Here are several tips that will help you shed that unwanted
weight and create a more healthy and attractive figure.

Increase Protein

When you diet, keep your protein at 55% of your calories. This
will help you maintain your muscle mass and keep your metabolism
elevated. Eat low-fat protein sources like chicken breasts, egg
whites, and fish.

Eat 75%

When you sit down to eat, look at your plate and leave 25%,
eating only 75% and thereby cutting as many as 300 calories from
every meal.

Lift Some Weights

Do a small 20 minute program of lifting weights twice a week
along with cardiovascular exercise to build up muscle strength,
replacing fat with muscle.

Move Around More

An obese person spends an average of 2.5 hours more daily in a
chair than a thin person. Try walking back and forth while
talking on a cell or cordless phone, use the steps rather than
the elevator, and park farther away and walk to your
destination.

Weigh Yourself Monthly

Don’t weigh yourself too often and become discouraged by the up
and down variations from day to day. Weigh yourself at the same
time every month to better see long term trends in your weight.

Buy A Pedometer

This is a very accurate way to make sure you take at least
10,000 steps a day to help you reach and maintain your weight
loss goals as you walk to do your various errands and
activities.

Have Your Thyroid Tested

If you are adding weight, have joint and muscle aches, have
unusual facial puffiness, or are unusually tired, this could be
the sign of a sluggish thyroid slowing down your metabolism,
causing weight gain.
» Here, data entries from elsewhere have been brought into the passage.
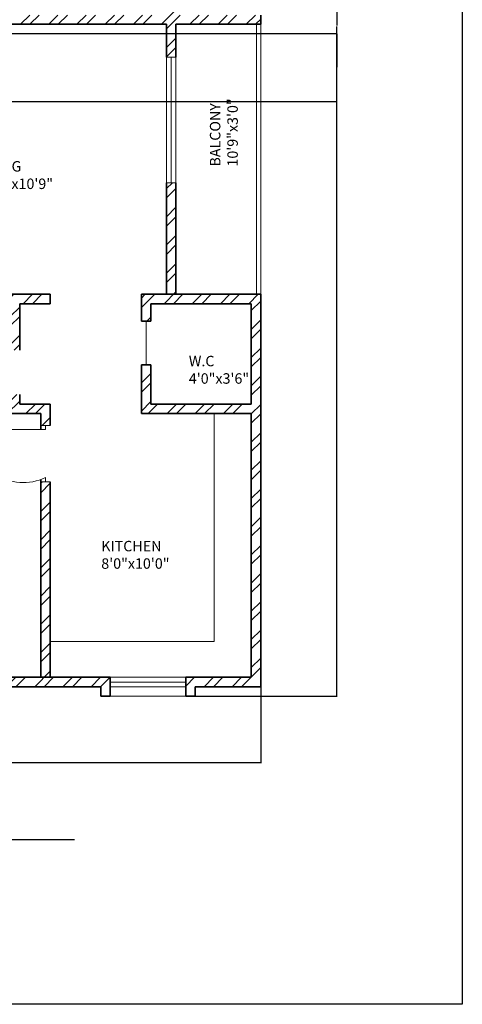
# Model space of a CAD drawing. Units: inches. Extents: x 1570 to 2186, y 1575 to 2421.
# Tile 5 of 10: x 1975 to 2186, y 1575 to 2045. Entities that reach past the tile are written whole.
import ezdxf

# ---------------------------------------------------------------- set-up
doc = ezdxf.new("R2010")
doc.units = ezdxf.units.IN
for name, color, linetype, lineweight in [('A-ANNO-DIMS', 2, 'Continuous', 18), ('A-ANNO-TTLB', 7, 'Continuous', 25), ('A-AREA-IDEN', 7, 'Continuous', 18), ('A-DOOR', 201, 'Continuous', 18), ('A-FLOR-CASE', 7, 'Continuous', 18), ('A-FLOR-HRAL', 201, 'Continuous', 18), ('A-GLAZ', 150, 'Continuous', 18), ('A-WALL', 7, 'Continuous', 35), ('A-WALL-PATT', 252, 'Continuous', 13)]:
    doc.layers.add(name, color=color, linetype=linetype, lineweight=lineweight)
doc.styles.get("Standard").update_dxf_attribs({"font": 'arial.ttf'})
doc.dimstyles.get("Standard").update_dxf_attribs({"dimtxt": 0.18, "dimasz": 0.18, "dimexe": 0.18, "dimexo": 0.0625, "dimgap": 0.09, "dimtad": 0, "dimtih": 1, "dimtoh": 1, "dimdec": 4, "dimzin": 0, "dimdsep": 46, "dimtxsty": 'Standard', "dimcen": 0.09, "dimadec": 0, "dimazin": 0, "dimtfac": 1, "dimtdec": 4, "dimtofl": 0, "dimtmove": 0, "dimatfit": 3, "dimfxl": 1, "dimtolj": 1, "dimtzin": 0, "dimarcsym": 0})

# ---------------------------------------------------------------- blocks, each defined once
blk = doc.blocks.new('WIN-60IN')
for p, q in [((0, 60), (4.5, 60)), ((0, 0), (0, 60)), ((4.5, 60), (2.25, 60)), ((2.25, 60), (2.25, 0)), ((4.5, 60), (4.5, 0)), ((2.25, 0), (0, 0)), ((0, 0), (4.5, 0))]:
    blk.add_line(p, q)
blk = doc.blocks.new('*D31')
at = {"layer": 'A-ANNO-DIMS', "color": 0, "lineweight": -2, "transparency": 16777216}
for p, q in [((1639.59, 1726.19), (1639.59, 1689.77)), ((2090.09, 1726.19), (2090.09, 1689.77)), ((1639.77, 1689.95), (1864.44, 1689.95)), ((2089.91, 1689.95), (1865.24, 1689.95))]:
    blk.add_line(p, q, dxfattribs=at)
at = {"layer": 'A-ANNO-DIMS', "color": 0, "transparency": 16777216}
for points in [[(1639.77, 1689.98), (1639.77, 1689.92), (1639.59, 1689.95)], [(2089.91, 1689.98), (2089.91, 1689.92), (2090.09, 1689.95)]]:
    blk.add_solid(points, dxfattribs=at)
at = {"layer": 'Defpoints', "color": 0, "transparency": 16777216}
for p in [(1639.59, 1726.25), (2090.09, 1726.25), (1639.59, 1689.95)]:
    blk.add_point(p, dxfattribs=at)
at = {"layer": 'A-ANNO-DIMS', "color": 0, "transparency": 16777216, "insert": (1864.84, 1689.95), "char_height": 0.18, "attachment_point": 5}
blk.add_mtext('\\A1;450.5', dxfattribs=at)
blk = doc.blocks.new('*D32')
at = {"layer": 'A-ANNO-DIMS', "color": 0, "lineweight": -2, "transparency": 16777216}
for p, q in [((2053.61, 2362.15), (2126.57, 2362.15)), ((2126.39, 2361.97), (2126.39, 2042.13)), ((2126.39, 1721.93), (2126.39, 2041.77)), ((2058.81, 1721.75), (2126.57, 1721.75))]:
    blk.add_line(p, q, dxfattribs=at)
at = {"layer": 'A-ANNO-DIMS', "color": 0, "transparency": 16777216}
for points in [[(2126.36, 2361.97), (2126.42, 2361.97), (2126.39, 2362.15)], [(2126.36, 1721.93), (2126.42, 1721.93), (2126.39, 1721.75)]]:
    blk.add_solid(points, dxfattribs=at)
at = {"layer": 'Defpoints', "color": 0, "transparency": 16777216}
for p in [(2053.54, 2362.15), (2126.39, 2362.15), (2058.75, 1721.75)]:
    blk.add_point(p, dxfattribs=at)
at = {"layer": 'A-ANNO-DIMS', "color": 0, "transparency": 16777216, "insert": (2126.39, 2041.95), "char_height": 0.18, "attachment_point": 5}
blk.add_mtext('\\A1;640.4', dxfattribs=at)
blk = doc.blocks.new('*D41')
at = {"layer": 'A-ANNO-DIMS', "color": 0, "lineweight": -2, "transparency": 16777216}
for p, q in [((1816.15, 2038.3), (2126.57, 2038.3)), ((2126.39, 2038.12), (2126.39, 2022.3)), ((2126.39, 2006.11), (2126.39, 2021.93)), ((1816.15, 2005.93), (2126.57, 2005.93))]:
    blk.add_line(p, q, dxfattribs=at)
at = {"layer": 'A-ANNO-DIMS', "color": 0, "transparency": 16777216}
for points in [[(2126.36, 2038.12), (2126.42, 2038.12), (2126.39, 2038.3)], [(2126.36, 2006.11), (2126.42, 2006.11), (2126.39, 2005.93)]]:
    blk.add_solid(points, dxfattribs=at)
at = {"layer": 'Defpoints', "color": 0, "transparency": 16777216}
for p in [(1816.09, 2038.3), (2126.39, 2038.3), (1816.09, 2005.93)]:
    blk.add_point(p, dxfattribs=at)
at = {"layer": 'A-ANNO-DIMS', "color": 0, "transparency": 16777216, "insert": (2126.39, 2022.12), "char_height": 0.18, "attachment_point": 5}
blk.add_mtext('\\A1;32.365', dxfattribs=at)

msp = doc.modelspace()

# ---------------------------------------------------------------- hatches: boundary and pattern name
at = {"layer": 'A-WALL-PATT'}
h = msp.add_hatch(dxfattribs=at)
h.set_pattern_fill('ANSI32', color=256)
h.paths.add_polyline_path([(1762.0975, 2362.1492), (1757.5975, 2362.1492), (1757.5975, 2357.6492), (1709.1163, 2357.6492), (1709.1163, 2362.1492), (1704.6163, 2362.1492), (1704.6163, 2353.1492), (1740.0886, 2353.1492), (1740.0886, 2261.8115), (1744.5886, 2261.8115), (1744.5886, 2353.1492), (1762.0975, 2353.1492)])
h.paths.add_polyline_path([(1890.2592, 2362.1492), (1885.7592, 2362.1492), (1826.5975, 2362.1492), (1822.0975, 2362.1492), (1822.0975, 2353.1492), (1862.5886, 2353.1492), (1862.5886, 2227.1492), (1744.5886, 2227.1492), (1744.5886, 2229.5389), (1742.3386, 2229.5389), (1740.0886, 2229.5389), (1740.0886, 2222.6492), (1744.5886, 2222.6492), (1756.186, 2222.6492), (1756.186, 2216.3571), (1760.686, 2216.3571), (1760.686, 2222.6492), (1832.686, 2222.6492), (1832.686, 2212.5994), (1837.186, 2212.5994), (1837.186, 2222.6492), (1893.186, 2222.6492), (1893.186, 2212.5994), (1897.686, 2212.5994), (1897.686, 2222.6492), (1989.5886, 2222.6492), (1989.5886, 2227.1492), (1989.5886, 2232.6585), (1987.3386, 2232.6585), (1985.0886, 2232.6585), (1985.0886, 2227.1492), (1867.0886, 2227.1492), (1867.0886, 2353.1492), (1890.2592, 2353.1492)])
h.paths.add_polyline_path([(1644.0886, 2353.1492), (1668.6163, 2353.1492), (1668.6163, 2362.1492), (1664.1163, 2362.1492), (1664.1163, 2358.9932), (1664.1163, 2357.6492), (1639.5886, 2357.6492), (1639.5886, 2213.8746), (1644.0886, 2213.8746), (1644.0886, 2222.6492), (1692.0886, 2222.6492), (1692.0886, 2215.9343), (1696.5886, 2215.9343), (1696.5886, 2222.6492), (1696.5886, 2227.1492), (1644.0886, 2227.1492)])
h.paths.add_polyline_path([(2013.0435, 2362.1492), (2008.5435, 2362.1492), (2008.5435, 2357.6492), (1954.7592, 2357.6492), (1954.7592, 2362.1492), (1950.2592, 2362.1492), (1950.2592, 2353.1492), (1985.0886, 2353.1492), (1985.0886, 2260.8534), (1989.5886, 2260.8534), (1989.5886, 2353.1492), (2013.0435, 2353.1492)])
h.paths.add_polyline_path([(2090.0886, 2357.6492), (2053.5435, 2357.6492), (2053.5435, 2362.1492), (2049.0435, 2362.1492), (2049.0435, 2353.1492), (2085.5886, 2353.1492), (2085.5886, 2227.1492), (2033.0886, 2227.1492), (2033.0886, 2222.6492), (2033.0886, 2214.4464), (2037.5886, 2214.4464), (2037.5886, 2222.6492), (2085.5886, 2222.6492), (2085.5886, 2212.4409), (2090.0886, 2212.4409)])
h.paths.add_polyline_path([(2090.0886, 2188.4409), (2087.8386, 2188.4409), (2085.5886, 2188.4409), (2085.5886, 2180.6492), (2037.5886, 2180.6492), (2037.5886, 2196.7956), (2033.0886, 2196.7956), (2033.0886, 2176.1492), (2037.5886, 2176.1492), (2045.0886, 2176.1492), (2045.0886, 2169.8988), (2049.5886, 2169.8988), (2049.5886, 2176.1492), (2085.5886, 2176.1492), (2085.5886, 2167.785), (2090.0886, 2167.785)])
h.paths.add_polyline_path([(2049.5886, 2147.4502), (2047.3386, 2147.4502), (2045.0886, 2147.4502), (2045.0886, 2124.4703), (2049.5886, 2124.4703)])
h.paths.add_polyline_path([(2090.0886, 2047.1492), (2049.5886, 2047.1492), (2049.5886, 2064.4703), (2045.0886, 2064.4703), (2045.0886, 2047.1492), (1918.0886, 2047.1492), (1918.0886, 2051.2061), (1913.5886, 2051.2061), (1913.5886, 2047.1492), (1913.5886, 2036.6872), (1918.0886, 2036.6872), (1918.0886, 2042.7492), (2045.0886, 2042.7492), (2045.0886, 2027.0686), (2049.5886, 2027.0686), (2049.5886, 2042.7492), (2090.0886, 2042.7492)])
h.paths.add_polyline_path([(1918.0886, 2005.9338), (1915.8386, 2005.9338), (1913.5886, 2005.9338), (1913.5886, 1913.7492), (1918.0886, 1913.7492)])
h.paths.add_polyline_path([(2090.0886, 1913.7492), (2049.5886, 1913.7492), (2045.0886, 1913.7492), (2033.0886, 1913.7492), (2033.0886, 1909.2492), (2033.0886, 1900.9803), (2037.5886, 1900.9803), (2037.5886, 1909.2492), (2085.5886, 1909.2492), (2085.5886, 1861.2492), (2037.5886, 1861.2492), (2037.5886, 1880.0859), (2033.0886, 1880.0859), (2033.0886, 1856.7492), (2085.5886, 1856.7492), (2085.5886, 1730.7492), (2054.2483, 1730.7492), (2054.2483, 1721.7492), (2058.7483, 1721.7492), (2058.7483, 1726.2492), (2090.0886, 1726.2492)])
h.paths.add_polyline_path([(2049.5886, 1967.0686), (2045.0886, 1967.0686), (2045.0886, 1913.7492), (2049.5886, 1913.7492)])
h.paths.add_polyline_path([(1989.5886, 1824.1695), (1987.3386, 1824.1695), (1985.0886, 1824.1695), (1985.0886, 1730.7492), (1989.5886, 1730.7492)])
h.paths.add_polyline_path([(1989.5886, 1861.2492), (1974.9963, 1861.2492), (1974.9963, 1865.9306), (1972.7463, 1865.9306), (1970.4963, 1865.9306), (1970.4963, 1861.2492), (1898.4963, 1861.2492), (1898.4963, 1874.2999), (1893.9963, 1874.2999), (1893.9963, 1861.2492), (1890.5886, 1861.2492), (1837.9963, 1861.2492), (1837.9963, 1874.3159), (1833.4963, 1874.3159), (1833.4963, 1861.2492), (1761.4963, 1861.2492), (1761.4963, 1865.0209), (1759.2463, 1865.0209), (1756.9963, 1865.0209), (1756.9963, 1861.2492), (1740.0886, 1861.2492), (1740.0886, 1856.7492), (1740.0886, 1850.7206), (1744.5886, 1850.7206), (1744.5886, 1856.7492), (1985.0886, 1856.7492), (1985.0886, 1851.0804), (1989.5886, 1851.0804), (1989.5886, 1856.7492)])
h.paths.add_polyline_path([(1989.5886, 1913.7492), (1740.0886, 1913.7492), (1740.0886, 1909.2492), (1756.9963, 1909.2492), (1756.9963, 1890.279), (1761.4963, 1890.279), (1761.4963, 1909.2492), (1833.4963, 1909.2492), (1833.4963, 1898.3159), (1837.9963, 1898.3159), (1837.9963, 1909.2492), (1890.5886, 1909.2492), (1893.9963, 1909.2492), (1893.9963, 1898.2999), (1898.4963, 1898.2999), (1898.4963, 1909.2492), (1970.4963, 1909.2492), (1970.4963, 1886.9887), (1974.9963, 1886.9887), (1974.9963, 1909.2492), (1989.5886, 1909.2492)])
h.paths.add_polyline_path([(1893.7344, 1730.7492), (1867.0886, 1730.7492), (1867.0886, 1856.7492), (1862.5886, 1856.7492), (1862.5886, 1730.7492), (1824.0492, 1730.7492), (1824.0492, 1721.7492), (1893.7344, 1721.7492)])
h.paths.add_polyline_path([(2018.2483, 1730.7492), (1953.7344, 1730.7492), (1953.7344, 1721.7492), (1958.2344, 1721.7492), (1958.2344, 1726.2492), (2013.7483, 1726.2492), (2013.7483, 1721.7492), (2018.2483, 1721.7492)])
h.paths.add_polyline_path([(1768.5492, 1730.7492), (1764.0492, 1730.7492), (1744.5886, 1730.7492), (1744.5886, 1819.4364), (1742.3386, 1819.4364), (1740.0886, 1819.4364), (1740.0886, 1730.7492), (1697.3801, 1730.7492), (1697.3801, 1721.7492), (1701.8801, 1721.7492), (1701.8801, 1726.2492), (1764.0492, 1726.2492), (1764.0492, 1721.7492), (1768.5492, 1721.7492)])
h.paths.add_polyline_path([(1644.0886, 1856.7492), (1639.5886, 1856.7492), (1639.5886, 1726.2492), (1657.0315, 1726.2492), (1657.0315, 1721.7492), (1661.3801, 1721.7492), (1661.3801, 1730.7492), (1644.0886, 1730.7492)])
h.paths.add_polyline_path([(1696.5886, 1876.1809), (1692.0886, 1876.1809), (1692.0886, 1861.2492), (1684.5886, 1861.2492), (1644.0886, 1861.2492), (1644.0886, 1909.2492), (1692.0886, 1909.2492), (1692.0886, 1900.3394), (1696.5886, 1900.3394), (1696.5886, 1913.7492), (1684.5886, 1913.7492), (1684.5886, 1920.2115), (1682.3386, 1920.2115), (1680.0886, 1920.2115), (1680.0886, 1913.7492), (1639.5886, 1913.7492), (1639.5886, 1856.7492), (1684.5886, 1856.7492), (1692.0886, 1856.7492), (1696.5886, 1856.7492)])
h.paths.add_polyline_path([(1684.5886, 2042.7492), (1811.5886, 2042.7492), (1811.5886, 2038.2991), (1816.0886, 2038.2991), (1816.0886, 2042.7492), (1816.0886, 2052.5708), (1813.8386, 2052.5708), (1811.5886, 2052.5708), (1811.5886, 2047.1492), (1684.5886, 2047.1492), (1684.5886, 2064.4703), (1680.0886, 2064.4703), (1680.0886, 2047.1492), (1639.5886, 2047.1492), (1639.5886, 2042.7492), (1680.0886, 2042.7492), (1680.0886, 2024.0762), (1684.5886, 2024.0762)])
h.paths.add_polyline_path([(1684.5886, 1964.0762), (1680.0886, 1964.0762), (1680.0886, 1944.6145), (1684.5886, 1944.6145)])
h.paths.add_polyline_path([(1816.0886, 1973.7492), (1876.0886, 1973.7492), (1876.0886, 1959.17), (1880.5886, 1959.17), (1880.5886, 1973.7492), (1880.5886, 1978.2492), (1816.0886, 1978.2492), (1816.0886, 2005.9338), (1813.8386, 2005.9338), (1811.5886, 2005.9338), (1811.5886, 1913.7492), (1816.0886, 1913.7492)])
h.paths.add_polyline_path([(1837.186, 2180.6492), (1837.186, 2188.5994), (1834.936, 2188.5994), (1832.686, 2188.5994), (1832.686, 2180.6492), (1760.686, 2180.6492), (1760.686, 2197.4807), (1756.186, 2197.4807), (1756.186, 2180.6492), (1744.5886, 2180.6492), (1740.0886, 2180.6492), (1740.0886, 2176.1492), (1837.186, 2176.1492)])
h.paths.add_polyline_path([(1974.186, 2196.8744), (1971.936, 2196.8744), (1969.686, 2196.8744), (1969.686, 2180.6492), (1897.686, 2180.6492), (1897.686, 2188.5994), (1895.436, 2188.5994), (1893.186, 2188.5994), (1893.186, 2180.6492), (1893.186, 2176.1492), (1974.186, 2176.1492)])
h.paths.add_polyline_path([(1918.0886, 2176.1492), (1913.5886, 2176.1492), (1913.5886, 2081.3709), (1918.0886, 2081.3709)])
h.paths.add_polyline_path([(1816.0886, 2176.1492), (1811.5886, 2176.1492), (1811.5886, 2081.3709), (1816.0886, 2081.3709)])
h.paths.add_polyline_path([(1684.5886, 2150.4939), (1682.3386, 2150.4939), (1680.0886, 2150.4939), (1680.0886, 2124.4703), (1684.5886, 2124.4703)])
h.paths.add_polyline_path([(1696.5886, 2180.6492), (1696.5886, 2197.4701), (1692.0886, 2197.4701), (1692.0886, 2180.6492), (1644.0886, 2180.6492), (1644.0886, 2189.8746), (1641.8386, 2189.8746), (1639.5886, 2189.8746), (1639.5886, 2169.814), (1644.0886, 2169.814), (1644.0886, 2176.1492), (1680.0886, 2176.1492), (1680.0886, 2171.7002), (1684.5886, 2171.7002), (1684.5886, 2176.1492), (1696.5886, 2176.1492)])

# ---------------------------------------------------------------- linework, layer by layer
at = {"layer": 'A-ANNO-TTLB'}
msp.add_line((1731.492, 1653.2104), (2001.1233, 1653.2104), dxfattribs=at)
msp.add_lwpolyline([(1569.8198, 2421.0436), (2186.3437, 2421.0436), (2186.3437, 1574.5084), (1569.8198, 1574.5084)], close=True, dxfattribs=at)
at = {"layer": 'A-DOOR'}
for p, q in [((2035.3386, 1880.0859), (2035.3386, 1900.9803)), ((1987.3386, 1849.0804), (1951.3386, 1849.0804)), ((1985.0886, 1851.0804), (1989.5886, 1851.0804)), ((1989.5886, 1851.0804), (1987.3386, 1851.0804)), ((1987.3386, 1851.0804), (1987.3386, 1849.0804)), ((1987.3386, 1824.1695), (1987.3386, 1826.1695)), ((1985.0886, 1824.1695), (1989.5886, 1824.1695)), ((1989.5886, 1824.1695), (1987.3386, 1824.1695))]:
    msp.add_line(p, q, dxfattribs=at)
msp.add_arc((1976.629, 1849.0804), 25.2904, 180, 295.053575, dxfattribs=at)
at = {"layer": 'A-FLOR-CASE'}
for p, q in [((2067.9297, 1747.7768), (2067.9297, 1856.7492)), ((1989.5886, 1747.7768), (2067.9297, 1747.7768))]:
    msp.add_line(p, q, dxfattribs=at)
at = {"layer": 'A-FLOR-HRAL'}
for p, q in [((2087.998, 1913.7492), (2087.998, 2042.7492)), ((2090.0886, 1913.7492), (2090.0886, 2042.7492))]:
    msp.add_line(p, q, dxfattribs=at)
at = {"layer": 'A-GLAZ'}
for p, q in [((2018.2483, 1730.7492), (2054.2483, 1730.7492)), ((2018.2483, 1728.4649), (2054.2483, 1728.4649)), ((2054.2483, 1726.2492), (2018.2483, 1726.2492)), ((2018.2483, 1721.7492), (2054.2483, 1721.7492))]:
    msp.add_line(p, q, dxfattribs=at)
at = {"layer": 'A-WALL'}
for p, q in [((2090.0886, 2047.1492), (2090.0886, 2042.7492)), ((2045.0886, 2042.7492), (1918.0886, 2042.7492)), ((2045.0886, 2042.7492), (2037.5886, 2042.7492)), ((2045.0886, 2042.7492), (2045.0886, 2027.0686)), ((2090.0886, 2042.7492), (2049.5886, 2042.7492)), ((2049.5886, 2042.7492), (2049.5886, 2027.0686)), ((2045.0886, 1967.0686), (2045.0886, 1913.7492)), ((2049.5886, 1967.0686), (2049.5886, 1913.7492)), ((1989.5886, 1913.7492), (1740.0886, 1913.7492)), ((1989.5886, 1909.2492), (1989.5886, 1913.7492)), ((2085.5886, 1913.7492), (2033.0886, 1913.7492)), ((2033.0886, 1909.2492), (2033.0886, 1913.7492)), ((2049.5886, 1913.7492), (2045.0886, 1913.7492)), ((2090.0886, 1913.7492), (2049.5886, 1913.7492)), ((2090.0886, 1913.7492), (2090.0886, 1726.2492)), ((1989.5886, 1909.2492), (1974.9963, 1909.2492)), ((1974.9963, 1886.9887), (1974.9963, 1909.2492)), ((2033.0886, 1900.9803), (2033.0886, 1909.2492)), ((2085.5886, 1909.2492), (2037.5886, 1909.2492)), ((2037.5886, 1909.2492), (2037.5886, 1900.9803)), ((2085.5886, 1909.2492), (2085.5886, 1861.2492)), ((2033.0886, 1900.9803), (2037.5886, 1900.9803)), ((2033.0886, 1856.7492), (2033.0886, 1880.0859)), ((2033.0886, 1880.0859), (2037.5886, 1880.0859)), ((2037.5886, 1880.0859), (2037.5886, 1861.2492)), ((1974.9963, 1861.2492), (1974.9963, 1865.9306)), ((1989.5886, 1861.2492), (1974.9963, 1861.2492)), ((1989.5886, 1856.7492), (1989.5886, 1861.2492)), ((2085.5886, 1861.2492), (2037.5886, 1861.2492)), ((1985.0886, 1856.7492), (1744.5886, 1856.7492)), ((1985.0886, 1856.7492), (1985.0886, 1849.0804)), ((1989.5886, 1856.7492), (1989.5886, 1851.0804)), ((2085.5886, 1856.7492), (2033.0886, 1856.7492)), ((2085.5886, 1856.7492), (2085.5886, 1730.7492)), ((1985.0886, 1825.2468), (1985.0886, 1730.7492)), ((1989.5886, 1824.1695), (1989.5886, 1730.7492)), ((2018.2483, 1730.7492), (1953.7344, 1730.7492)), ((2018.2483, 1730.7492), (2018.2483, 1721.7492)), ((2085.5886, 1730.7492), (2054.2483, 1730.7492)), ((2054.2483, 1721.7492), (2054.2483, 1730.7492)), ((2013.7483, 1726.2492), (1958.2344, 1726.2492)), ((2013.7483, 1721.7492), (2013.7483, 1726.2492)), ((2090.0886, 1726.2492), (2058.7483, 1726.2492)), ((2058.7483, 1721.7492), (2058.7483, 1726.2492)), ((2018.2483, 1721.7492), (2013.7483, 1721.7492)), ((2018.2483, 1721.7492), (2013.7483, 1721.7492)), ((2054.2483, 1721.7492), (2058.7483, 1721.7492)), ((2058.7483, 1721.7492), (2054.2483, 1721.7492))]:
    msp.add_line(p, q, dxfattribs=at)

# ---------------------------------------------------------------- block references
at = {"layer": 'A-GLAZ'}
msp.add_blockref('WIN-60IN', (2045.089, 1967.0684), dxfattribs=at)

# ---------------------------------------------------------------- texts
at = {"layer": 'A-AREA-IDEN', "insert": (2065.8212, 1974.7808), "char_height": 5, "attachment_point": 1, "rotation": 90}
msp.add_mtext_dynamic_manual_height_columns('BALCONY\\P10\'9"x3\'0"', width=172.761471, gutter_width=12.5, heights=[0], dxfattribs=at)
at = {"layer": 'A-AREA-IDEN', "char_height": 5, "attachment_point": 1}
for s, width, insert in [('LIVING\\P10\'7"x10\'9"', 144.692974, (1954.5434, 1977.3775)), ('W.C\\P4\'0"x3\'6"', 105.634753, (2055.7592, 1884.3493)), ('KITCHEN\\P8\'0"x10\'0"', 189.356232, (2013.9514, 1795.9363))]:
    msp.add_mtext_dynamic_manual_height_columns(s, width=width, gutter_width=12.5, heights=[0], dxfattribs=dict(at, insert=insert))

# ---------------------------------------------------------------- dimensions: what is measured, and where the dimension line sits
at = {"layer": 'A-ANNO-DIMS'}
for base, p1, p2, angle, override, picture, middle in [((2126.3886, 2362.1492), (2058.7483, 1721.7492), (2053.5435, 2362.1492), 90, {"dimdec": 1, "dimlfac": 1, "dimrnd": 0, "dimzin": 0, "dimdsep": 46, "dimlunit": 2}, '*D32', (2126.3886, 2041.9492)), ((2126.3886, 2038.2991), (1816.0886, 2005.9338), (1816.0886, 2038.2991), 90, {"dimdec": 3, "dimlfac": 1, "dimrnd": 0, "dimzin": 0, "dimdsep": 46, "dimlunit": 2}, '*D41', (2126.3886, 2022.1164)), ((1639.5886, 1689.9492), (2090.0886, 1726.2492), (1639.5886, 1726.2492), 180, {"dimdec": 1, "dimlfac": 1, "dimrnd": 0, "dimzin": 0, "dimdsep": 46, "dimlunit": 2}, '*D31', (1864.8386, 1689.9492))]:
    dim = msp.add_linear_dim(base=base, p1=p1, p2=p2, angle=angle, dimstyle='Standard', override=override, dxfattribs=at)
    dim.commit()
    dim.dimension.update_dxf_attribs({"geometry": picture, "text_midpoint": middle})

doc.saveas('drawing.dxf')

This can be remedied by taking the right
medications.

Reduce Stress

When you are stressed, your adrenal gland generates the cortisol
stress hormone, which increases your appetite and triggers
release of the insulin fat-storing hormone, causing your body to
hold onto fat, even if you are eating less.

But often, stress makes you overeat comfort foods like
chocolate, ice cream, potato chips, cookies and donuts. Those
high carbohydrate goodies raise your serotonin levels, boosting
your mood in a form of self-medication. Salty snacks raise blood
pressure, which also raises cortisol levels, contributing to a
vicious cycle of overeating.

To break this cycle, you should set a fixed eating schedule and
stick to it. Schedule your three meals and three snacks
throughout the day so you always have something to eat every
three or four hours. Savor every bite instead of gulping down
too much before your brain tells you that you are full. Regular
exercise and relaxing meditation can also relieve your stress.